Una de las experiencias más fascinantes que puede vivir una persona es observar una ballena en libertad. Ver cómo emerge de forma inesperada a la superficie, expulsa un potente chorro de aire por su espiráculo o golpea el agua con su enorme cola.
Su imponente tamaño, su comportamiento y la vida que llevan en las profundidades del océano han despertado durante décadas el interés de científicos y amantes de la naturaleza.

Entre los aspectos que más curiosidad generan está la forma en que algunas nadan. Sin embargo, este comportamiento no se observa en todas las especies, sino únicamente en la ballena franca austral (Eubalaena australis), protagonista de un reciente estudio internacional publicado en la revista Mammalian Biology.
La investigación reveló que la llamativa postura invertida que adoptan no es señal de enfermedad, como se creyó en un principio, sino una estrategia para ahorrar energía.
Los científicos concluyeron que las hembras, especialmente aquellas que están criando a sus ballenatos, permanecen boca abajo mientras descansan para afrontar el enorme desgaste físico que supone alimentar y cuidar a sus crías.
Los expertos explicaron que las madres de ballena franca austral dependen exclusivamente de las reservas de grasa acumuladas antes de la temporada de reproducción, ya que durante este periodo ayunan mientras amamantan a sus crías.
Además, observaron que algunas adoptan esta posición invertida para limitar el acceso de los ballenatos a la leche y regular la lactancia. Las crías, por su parte, pasan cerca del 13 % del tiempo descansando, casi siempre junto a sus madres.
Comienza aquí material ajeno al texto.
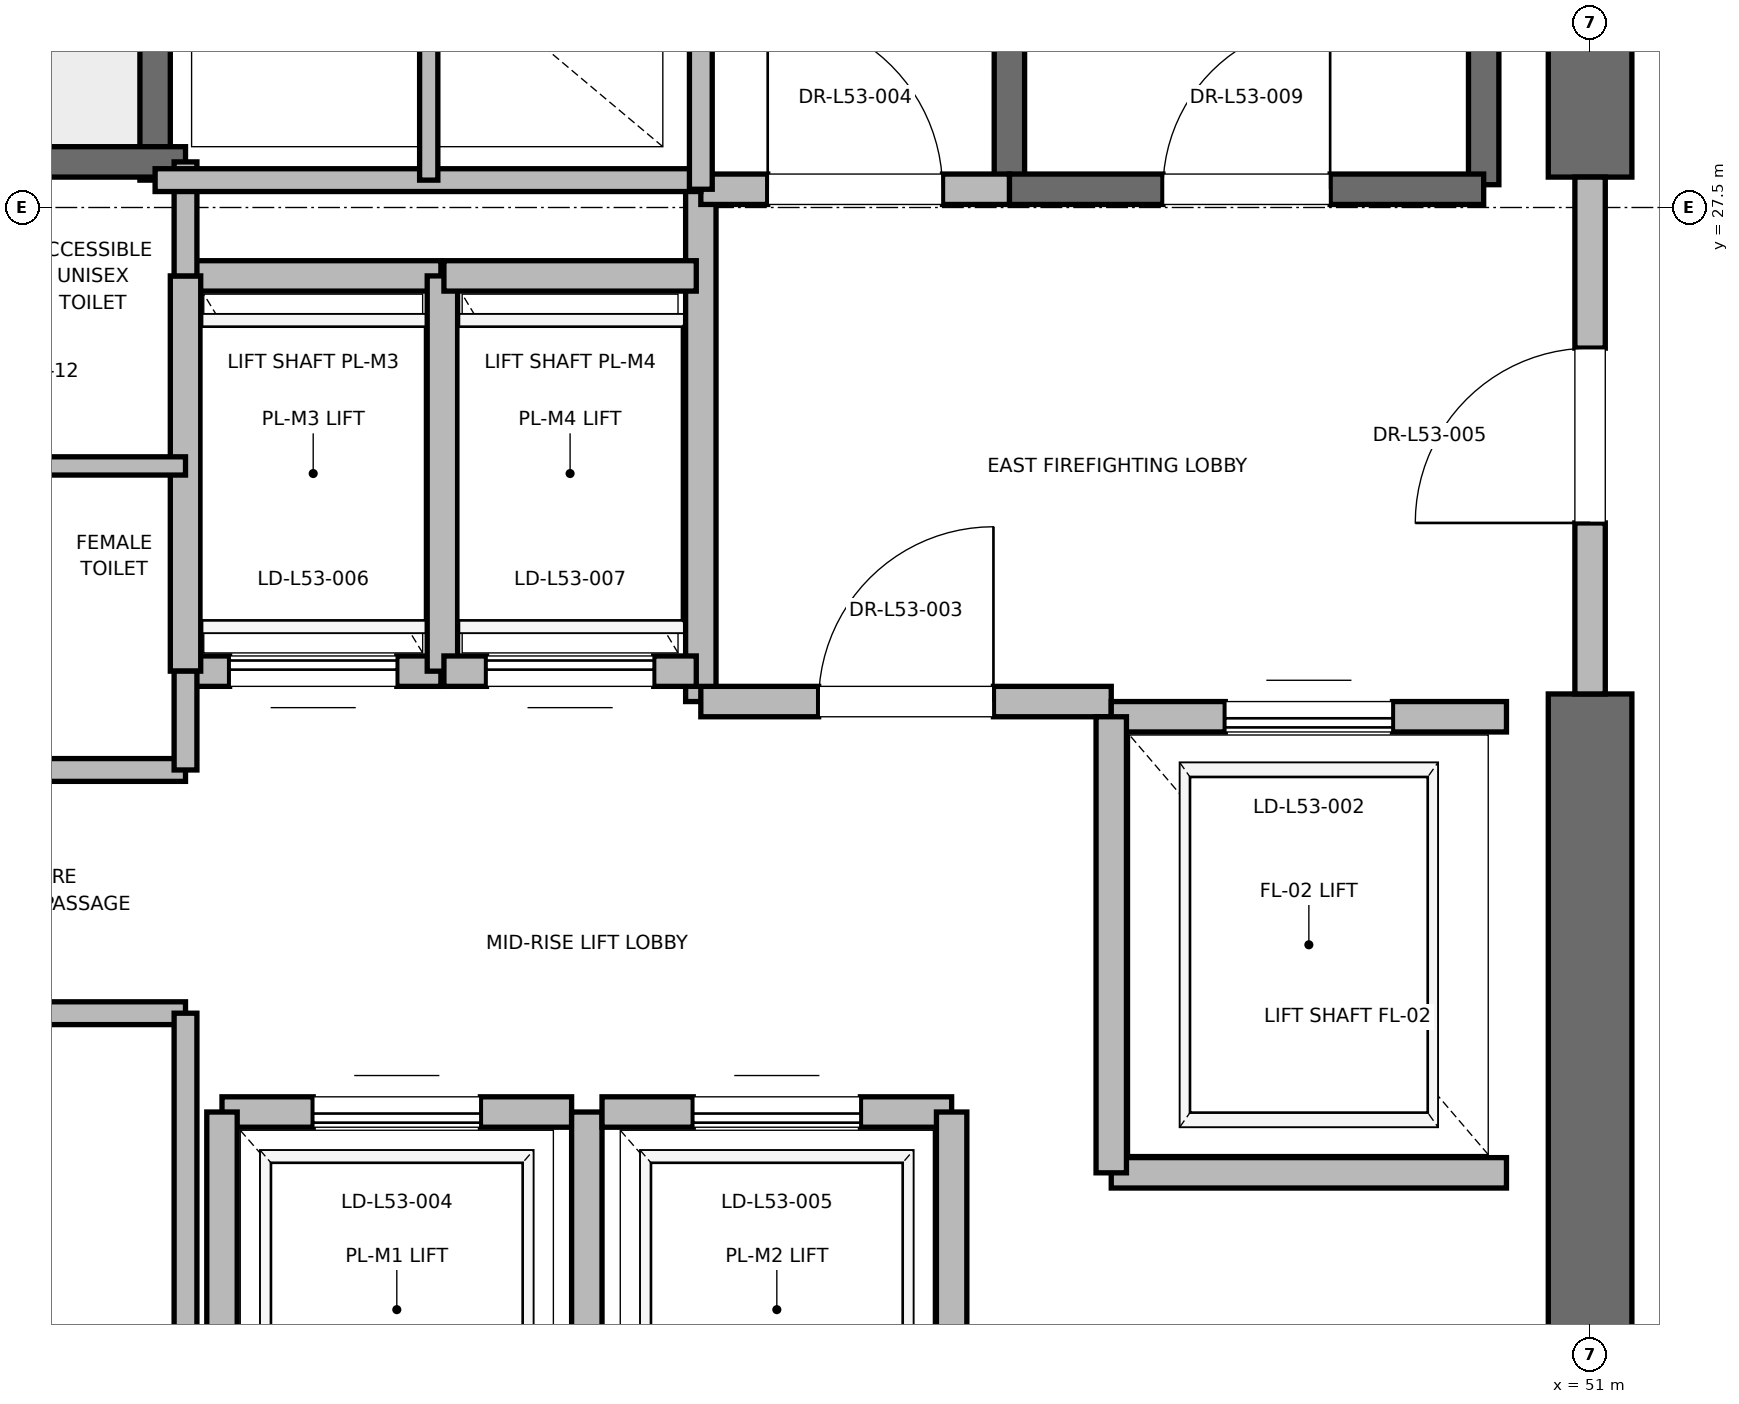
"""IFC4 building model, lengths in metres.
Left out: names, types, materials, properties, quantities, classifications, styles, units other than length and angle.
Written with IfcOpenShell. Run it as: python <this file> out.ifc"""

import sys

from ifc_helpers import new_model, si_unit, direction, frame, frame_2d, origin, place, context, subcontext, project, spatial, rectangle, extrude, element, fill, save


model = new_model("IFC4")
c1 = context("Model", 3, precision=1e-05, world=origin(), true_north=direction((0.0, 1.0)))
c2 = subcontext(c1, "Body", "Model", "MODEL_VIEW")
j1 = project(units=[si_unit("LENGTHUNIT", "METRE"), si_unit("PLANEANGLEUNIT", "RADIAN")], contexts=[c1])
p1 = place(None, origin())
s1 = spatial("IfcSite", under=j1, at=p1, CompositionType="ELEMENT")
p2 = place(p1, origin())
s2 = spatial("IfcBuilding", under=s1, at=p2, CompositionType="ELEMENT")
p3 = place(p2, frame((0.0, 0.0, 229.2)))
s3 = spatial("IfcBuildingStorey", under=s2, at=p3, CompositionType="ELEMENT", Elevation=229.2)
p4 = place(p3, frame((51.0, 18.5, 0.0), z_axis=(0.0, 0.0, 1.0), x_axis=(0.0, 1.0, 0.0)))
e1 = element("IfcWall", 1, at=p4, inside=s3, PredefinedType="SHEAR", context=c2, shape_type="SweptSolid", body=[
    extrude(rectangle(XDim=5.8, YDim=0.55, at=frame_2d((2.9, 0.0))), origin(), (0.0, 0.0, 1.0), 3.7),
])
p5 = place(p3, frame((51.0, 27.7, 0.0), z_axis=(0.0, 0.0, 1.0), x_axis=(0.0, 1.0, 0.0)))
e2 = element("IfcWall", 2, at=p5, inside=s3, PredefinedType="SHEAR", context=c2, shape_type="SweptSolid", body=[
    extrude(rectangle(XDim=8.8, YDim=0.55, at=frame_2d((4.4, 0.0))), origin(), (0.0, 0.0, 1.0), 3.7),
])
p6 = place(p3, frame((50.3, 27.65, 0.0), z_axis=(0.0, 0.0, 1.0), x_axis=(0.0, 1.0, 0.0)))
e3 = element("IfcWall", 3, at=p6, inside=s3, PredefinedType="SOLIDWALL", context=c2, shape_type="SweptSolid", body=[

Al tratarse de especies que basan la reproducción en la energía almacenada en forma de grasa, las hembras deben encontrar un equilibrio entre alimentar a sus crías y conservar suficientes recursos para mantenerse saludables y reproducirse nuevamente en el futuro.
Hasta ahora se conocía poco sobre los comportamientos que ayudan a las madres a reducir el gasto energético durante la lactancia.
La hipótesis del equipo era que, conforme las madres fueran perdiendo condición corporal, aumentarían el tiempo dedicado al descanso, especialmente en posición boca abajo. En contraste, esperaban que las crías descansaran menos y pasaran más tiempo alimentándose, ya que sus necesidades energéticas aumentan a medida que crecen.
Lo que descubrieron los científicos
La investigación se desarrolló entre junio y septiembre de 2021 en Head of Bight, considerada la principal zona de reproducción de la ballena franca austral en Australia. Al tratarse de un área protegida, donde están restringidas las embarcaciones y otras actividades humanas, los científicos pudieron observar el comportamiento natural de estos animales con una mínima interferencia.
Para el estudio se realizaron 479 vuelos con drones, de los cuales 342 cumplieron los criterios necesarios para el análisis. Gracias a estas observaciones fue posible seguir a 59 parejas de madres y crías, cada una monitoreada, en promedio, durante cinco sesiones a lo largo de la temporada reproductiva.

Finalmente, los investigadores concluyeron que tanto las madres como las crías mantienen comportamientos de conservación de energía durante toda la temporada de reproducción. Las hembras con crías recién nacidas incrementan sus periodos de descanso para preservar sus reservas, mientras que los ballenatos suelen permanecer junto a ellas durante esos momentos.
Además, el descanso boca abajo está estrechamente relacionado con la lactancia y con la condición física de la madre, lo que demuestra que esta peculiar postura forma parte de una sofisticada estrategia para administrar la energía y garantizar tanto la supervivencia de las crías como la de las propias hembras durante una de las etapas más exigentes de su ciclo de vida.